Q. With the avalanche of data, privacy will be a problem.
A. There is a great separation in the world: between the people who think that the rest of humanity is well informed and can make decisions decent about them and another group that thinks that the rest of humanity is not well informed and do not know how to make the right decisions. Facebook is a great example. There are 2,200 million of people have account on Facebook: are they all unaware of the terms of their agreement, or are scammed by Facebook? What 2,200 million people are stupid? This is another way see: 2.200 millions of people have done some type of evaluation of that offer and have said they agree, I will use all of this for free and in exchange you can teach me personalized ads. That really is the exchange.

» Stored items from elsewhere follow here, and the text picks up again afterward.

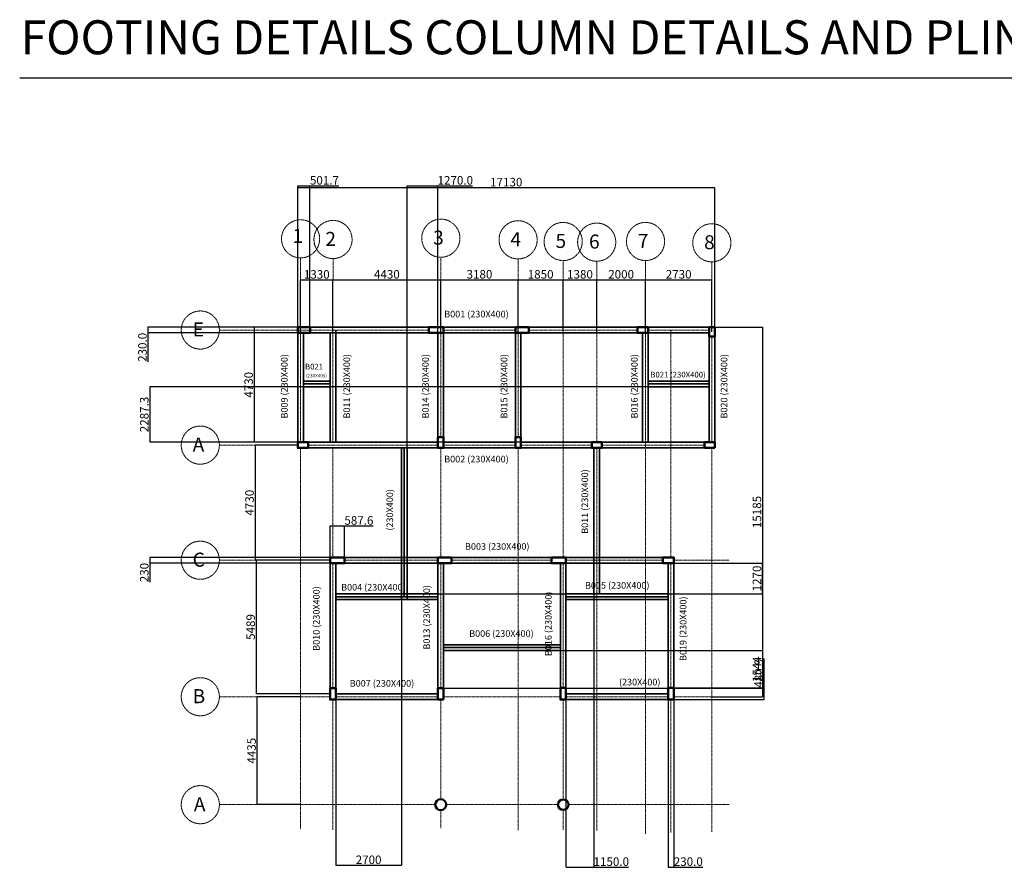
# Model space of a CAD drawing. Units: millimetres. Extents: x -2405 to 73447, y 417 to 55353.
# Tile 2 of 3: x -2405 to 38054, y 20479 to 55353. Entities that reach past the tile are written whole.
import ezdxf

# ---------------------------------------------------------------- set-up
doc = ezdxf.new("R2010")
doc.units = ezdxf.units.MM
doc.linetypes.add('CENTER', pattern=[50.8, 31.75, -6.35, 6.35, -6.35])
for name, color, linetype, lineweight in [('S-ANNO-DIMS', 2, 'Continuous', 18), ('S-ANNO-TEXT', 7, 'Continuous', 25), ('S-BEAM', 7, 'Continuous', 35), ('S-COLS', 4, 'Continuous', 50), ('S-GRID', 1, 'CENTER', 18)]:
    doc.layers.add(name, color=color, linetype=linetype, lineweight=lineweight)
doc.styles.get("Standard").update_dxf_attribs({"font": 'arial.ttf'})
doc.dimstyles.new('ISO-25', dxfattribs={"dimtxt": 350, "dimasz": 2.5, "dimexe": 1.25, "dimexo": 0.625, "dimtad": 1, "dimdec": 0, "dimtxsty": 'Standard', "dimcen": 2.5, "dimadec": 0, "dimazin": 0, "dimtfac": 1, "dimtdec": 0, "dimtmove": 0, "dimatfit": 3, "dimfxl": 1, "dimarcsym": 0})

# ---------------------------------------------------------------- blocks, each defined once
blk = doc.blocks.new('*D1')
at = {"layer": 'Defpoints', "color": 0, "transparency": 16777216}
for p in [(9023, 42715), (7229, 37985), (9023, 37985)]:
    blk.add_point(p, dxfattribs=at)
at = {"layer": 'S-ANNO-DIMS', "color": 0, "lineweight": -2, "transparency": 16777216}
for p, q in [((9022, 42715), (7227, 42715)), ((7229, 42712), (7229, 37987)), ((9022, 37985), (7227, 37985))]:
    blk.add_line(p, q, dxfattribs=at)
at = {"layer": 'S-ANNO-DIMS', "color": 0, "transparency": 16777216}
for points in [[(7228, 42712), (7229, 42712), (7229, 42715)], [(7228, 37987), (7229, 37987), (7229, 37985)]]:
    blk.add_solid(points, dxfattribs=at)
at = {"layer": 'S-ANNO-DIMS', "color": 0, "transparency": 16777216, "insert": (7049, 40350), "char_height": 350, "attachment_point": 5, "rotation": 90}
blk.add_mtext('4730', dxfattribs=at)
blk = doc.blocks.new('*D2')
at = {"layer": 'Defpoints', "color": 0, "transparency": 16777216}
for p in [(9023, 37870), (7265, 33140), (9138, 33140)]:
    blk.add_point(p, dxfattribs=at)
at = {"layer": 'S-ANNO-DIMS', "color": 0, "lineweight": -2, "transparency": 16777216}
for p, q in [((9022, 37870), (7263, 37870)), ((7265, 37867), (7265, 33142)), ((9137, 33140), (7263, 33140))]:
    blk.add_line(p, q, dxfattribs=at)
at = {"layer": 'S-ANNO-DIMS', "color": 0, "transparency": 16777216}
for points in [[(7264, 37867), (7265, 37867), (7265, 37870)], [(7264, 33142), (7265, 33142), (7265, 33140)]]:
    blk.add_solid(points, dxfattribs=at)
at = {"layer": 'S-ANNO-DIMS', "color": 0, "transparency": 16777216, "insert": (7085, 35505), "char_height": 350, "attachment_point": 5, "rotation": 90}
blk.add_mtext('4730', dxfattribs=at)
blk = doc.blocks.new('*D3')
at = {"layer": 'Defpoints', "color": 0, "transparency": 16777216}
for p in [(10353, 33140), (7309, 27651), (10353, 27651)]:
    blk.add_point(p, dxfattribs=at)
at = {"layer": 'S-ANNO-DIMS', "color": 0, "lineweight": -2, "transparency": 16777216}
for p, q in [((10352, 33140), (7308, 33140)), ((7309, 33137), (7309, 27654)), ((10352, 27651), (7308, 27651))]:
    blk.add_line(p, q, dxfattribs=at)
at = {"layer": 'S-ANNO-DIMS', "color": 0, "transparency": 16777216}
for points in [[(7309, 33137), (7310, 33137), (7309, 33140)], [(7309, 27654), (7310, 27654), (7309, 27651)]]:
    blk.add_solid(points, dxfattribs=at)
at = {"layer": 'S-ANNO-DIMS', "color": 0, "transparency": 16777216, "insert": (7130, 30396), "char_height": 350, "attachment_point": 5, "rotation": 90}
blk.add_mtext('5489', dxfattribs=at)
blk = doc.blocks.new('*D4')
at = {"layer": 'Defpoints', "color": 0, "transparency": 16777216}
for p in [(9138, 27530), (7345, 23095), (9138, 23095)]:
    blk.add_point(p, dxfattribs=at)
at = {"layer": 'S-ANNO-DIMS', "color": 0, "lineweight": -2, "transparency": 16777216}
for p, q in [((9137, 27530), (7344, 27530)), ((7345, 27527), (7345, 23097)), ((9137, 23095), (7344, 23095))]:
    blk.add_line(p, q, dxfattribs=at)
at = {"layer": 'S-ANNO-DIMS', "color": 0, "transparency": 16777216}
for points in [[(7345, 27527), (7346, 27527), (7345, 27530)], [(7345, 23097), (7346, 23097), (7345, 23095)]]:
    blk.add_solid(points, dxfattribs=at)
at = {"layer": 'S-ANNO-DIMS', "color": 0, "transparency": 16777216, "insert": (7166, 25312), "char_height": 350, "attachment_point": 5, "rotation": 90}
blk.add_mtext('4435', dxfattribs=at)
blk = doc.blocks.new('*D5')
at = {"layer": 'Defpoints', "color": 0, "transparency": 16777216}
for p in [(10468, 44661), (9138, 42485), (10468, 42485)]:
    blk.add_point(p, dxfattribs=at)
at = {"layer": 'S-ANNO-DIMS', "color": 0, "lineweight": -2, "transparency": 16777216}
for p, q in [((9138, 42486), (9138, 44662)), ((9140, 44661), (10465, 44661)), ((10468, 42486), (10468, 44662))]:
    blk.add_line(p, q, dxfattribs=at)
at = {"layer": 'S-ANNO-DIMS', "color": 0, "transparency": 16777216}
for points in [[(9140, 44662), (9140, 44661), (9138, 44661)], [(10465, 44662), (10465, 44661), (10468, 44661)]]:
    blk.add_solid(points, dxfattribs=at)
at = {"layer": 'S-ANNO-DIMS', "color": 0, "transparency": 16777216, "insert": (9803, 44841), "char_height": 350, "attachment_point": 5}
blk.add_mtext('1330', dxfattribs=at)
blk = doc.blocks.new('*D6')
at = {"layer": 'Defpoints', "color": 0, "transparency": 16777216}
for p in [(14898, 44665), (10468, 42485), (14898, 42485)]:
    blk.add_point(p, dxfattribs=at)
at = {"layer": 'S-ANNO-DIMS', "color": 0, "lineweight": -2, "transparency": 16777216}
for p, q in [((10468, 42486), (10468, 44666)), ((10470, 44665), (14895, 44665)), ((14898, 42486), (14898, 44666))]:
    blk.add_line(p, q, dxfattribs=at)
at = {"layer": 'S-ANNO-DIMS', "color": 0, "transparency": 16777216}
for points in [[(10470, 44665), (10470, 44664), (10468, 44665)], [(14895, 44665), (14895, 44664), (14898, 44665)]]:
    blk.add_solid(points, dxfattribs=at)
at = {"layer": 'S-ANNO-DIMS', "color": 0, "transparency": 16777216, "insert": (12683, 44844), "char_height": 350, "attachment_point": 5}
blk.add_mtext('4430', dxfattribs=at)
blk = doc.blocks.new('*D7')
at = {"layer": 'Defpoints', "color": 0, "transparency": 16777216}
for p in [(18078, 44666), (14898, 42485), (18078, 42485)]:
    blk.add_point(p, dxfattribs=at)
at = {"layer": 'S-ANNO-DIMS', "color": 0, "lineweight": -2, "transparency": 16777216}
for p, q in [((14898, 42486), (14898, 44667)), ((14900, 44666), (18075, 44666)), ((18078, 42486), (18078, 44667))]:
    blk.add_line(p, q, dxfattribs=at)
at = {"layer": 'S-ANNO-DIMS', "color": 0, "transparency": 16777216}
for points in [[(14900, 44667), (14900, 44666), (14898, 44666)], [(18075, 44667), (18075, 44666), (18078, 44666)]]:
    blk.add_solid(points, dxfattribs=at)
at = {"layer": 'S-ANNO-DIMS', "color": 0, "transparency": 16777216, "insert": (16488, 44846), "char_height": 350, "attachment_point": 5}
blk.add_mtext('3180', dxfattribs=at)
blk = doc.blocks.new('*D8')
at = {"layer": 'Defpoints', "color": 0, "transparency": 16777216}
for p in [(19928, 44666), (18078, 42485), (19928, 42600)]:
    blk.add_point(p, dxfattribs=at)
at = {"layer": 'S-ANNO-DIMS', "color": 0, "lineweight": -2, "transparency": 16777216}
for p, q in [((18078, 42486), (18078, 44667)), ((18080, 44666), (19925, 44666)), ((19928, 42601), (19928, 44667))]:
    blk.add_line(p, q, dxfattribs=at)
at = {"layer": 'S-ANNO-DIMS', "color": 0, "transparency": 16777216}
for points in [[(18080, 44666), (18080, 44665), (18078, 44666)], [(19925, 44666), (19925, 44665), (19928, 44666)]]:
    blk.add_solid(points, dxfattribs=at)
at = {"layer": 'S-ANNO-DIMS', "color": 0, "transparency": 16777216, "insert": (19003, 44845), "char_height": 350, "attachment_point": 5}
blk.add_mtext('1850', dxfattribs=at)
blk = doc.blocks.new('*D9')
at = {"layer": 'Defpoints', "color": 0, "transparency": 16777216}
for p in [(21308, 44666), (19928, 42600), (21308, 42485)]:
    blk.add_point(p, dxfattribs=at)
at = {"layer": 'S-ANNO-DIMS', "color": 0, "lineweight": -2, "transparency": 16777216}
for p, q in [((19928, 42601), (19928, 44667)), ((19930, 44666), (21305, 44666)), ((21308, 42486), (21308, 44667))]:
    blk.add_line(p, q, dxfattribs=at)
at = {"layer": 'S-ANNO-DIMS', "color": 0, "transparency": 16777216}
for points in [[(19930, 44666), (19930, 44665), (19928, 44666)], [(21305, 44666), (21305, 44665), (21308, 44666)]]:
    blk.add_solid(points, dxfattribs=at)
at = {"layer": 'S-ANNO-DIMS', "color": 0, "transparency": 16777216, "insert": (20618, 44845), "char_height": 350, "attachment_point": 5}
blk.add_mtext('1380', dxfattribs=at)
blk = doc.blocks.new('*D10')
at = {"layer": 'Defpoints', "color": 0, "transparency": 16777216}
for p in [(23308, 44665), (21308, 42600), (23308, 42485)]:
    blk.add_point(p, dxfattribs=at)
at = {"layer": 'S-ANNO-DIMS', "color": 0, "lineweight": -2, "transparency": 16777216}
for p, q in [((21308, 42601), (21308, 44667)), ((21310, 44665), (23305, 44665)), ((23308, 42486), (23308, 44667))]:
    blk.add_line(p, q, dxfattribs=at)
at = {"layer": 'S-ANNO-DIMS', "color": 0, "transparency": 16777216}
for points in [[(21310, 44666), (21310, 44665), (21308, 44665)], [(23305, 44666), (23305, 44665), (23308, 44665)]]:
    blk.add_solid(points, dxfattribs=at)
at = {"layer": 'S-ANNO-DIMS', "color": 0, "transparency": 16777216, "insert": (22308, 44845), "char_height": 350, "attachment_point": 5}
blk.add_mtext('2000', dxfattribs=at)
blk = doc.blocks.new('*D11')
at = {"layer": 'Defpoints', "color": 0, "transparency": 16777216}
for p in [(26038, 44666), (23308, 42485), (26038, 42525)]:
    blk.add_point(p, dxfattribs=at)
at = {"layer": 'S-ANNO-DIMS', "color": 0, "lineweight": -2, "transparency": 16777216}
for p, q in [((23308, 42486), (23308, 44667)), ((23310, 44666), (26035, 44666)), ((26038, 42525), (26038, 44667))]:
    blk.add_line(p, q, dxfattribs=at)
at = {"layer": 'S-ANNO-DIMS', "color": 0, "transparency": 16777216}
for points in [[(23310, 44666), (23310, 44665), (23308, 44666)], [(26035, 44666), (26035, 44665), (26038, 44666)]]:
    blk.add_solid(points, dxfattribs=at)
at = {"layer": 'S-ANNO-DIMS', "color": 0, "transparency": 16777216, "insert": (24673, 44845), "char_height": 350, "attachment_point": 5}
blk.add_mtext('2730', dxfattribs=at)
blk = doc.blocks.new('*D14')
at = {"layer": 'Defpoints', "color": 0, "transparency": 16777216}
for p in [(26153, 48453), (9023, 42715), (26153, 42715)]:
    blk.add_point(p, dxfattribs=at)
at = {"layer": 'S-ANNO-DIMS', "color": 0, "lineweight": -2, "transparency": 16777216}
for p, q in [((9023, 42716), (9023, 48454)), ((9025, 48453), (26150, 48453)), ((26153, 42716), (26153, 48454))]:
    blk.add_line(p, q, dxfattribs=at)
at = {"layer": 'S-ANNO-DIMS', "color": 0, "transparency": 16777216}
for points in [[(9025, 48453), (9025, 48452), (9023, 48453)], [(26150, 48453), (26150, 48452), (26153, 48453)]]:
    blk.add_solid(points, dxfattribs=at)
at = {"layer": 'S-ANNO-DIMS', "color": 0, "transparency": 16777216, "insert": (17588, 48632), "char_height": 350, "attachment_point": 5}
blk.add_mtext('17130', dxfattribs=at)
blk = doc.blocks.new('*D15')
at = {"layer": 'Defpoints', "color": 0, "transparency": 16777216}
for p in [(26153, 42715), (26038, 27530), (28113, 27530)]:
    blk.add_point(p, dxfattribs=at)
at = {"layer": 'S-ANNO-DIMS', "color": 0, "lineweight": -2, "transparency": 16777216}
for p, q in [((26153, 42715), (28115, 42715)), ((28113, 42712), (28113, 27532)), ((26038, 27530), (28115, 27530))]:
    blk.add_line(p, q, dxfattribs=at)
at = {"layer": 'S-ANNO-DIMS', "color": 0, "transparency": 16777216}
for points in [[(28113, 42712), (28114, 42712), (28113, 42715)], [(28113, 27532), (28114, 27532), (28113, 27530)]]:
    blk.add_solid(points, dxfattribs=at)
at = {"layer": 'S-ANNO-DIMS', "color": 0, "transparency": 16777216, "insert": (27934, 35122), "char_height": 350, "attachment_point": 5, "rotation": 90}
blk.add_mtext('15185', dxfattribs=at)
blk = doc.blocks.new('*D16')
at = {"layer": 'Defpoints', "color": 0, "transparency": 16777216}
for p in [(10940, 34550), (10353, 33255), (10940, 33255)]:
    blk.add_point(p, dxfattribs=at)
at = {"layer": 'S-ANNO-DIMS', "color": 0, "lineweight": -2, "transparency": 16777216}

Q. But there is this other argument: Google has much more information on us than the Stasi.
A. Yes, of course, a lot more. But I make this question: what is the worst that we know that Google has done with that information?
Q. we don’t know Yet.
A. Wait is a response terrible.
P. China can give you an idea.
A. China is not Google. We know that the authoritarian countries make it a drudgery with the rights of their people. But that is not for technology but for being authoritarian countries. China is not expected to have powerful technology to put people in jail. yatırımsız bonus veren siteler As they did in the era of the technology bad. What makes the united States and Spain are countries free is not the state of the technology, but the state of their laws. The States do not need leading technology to reprimirte.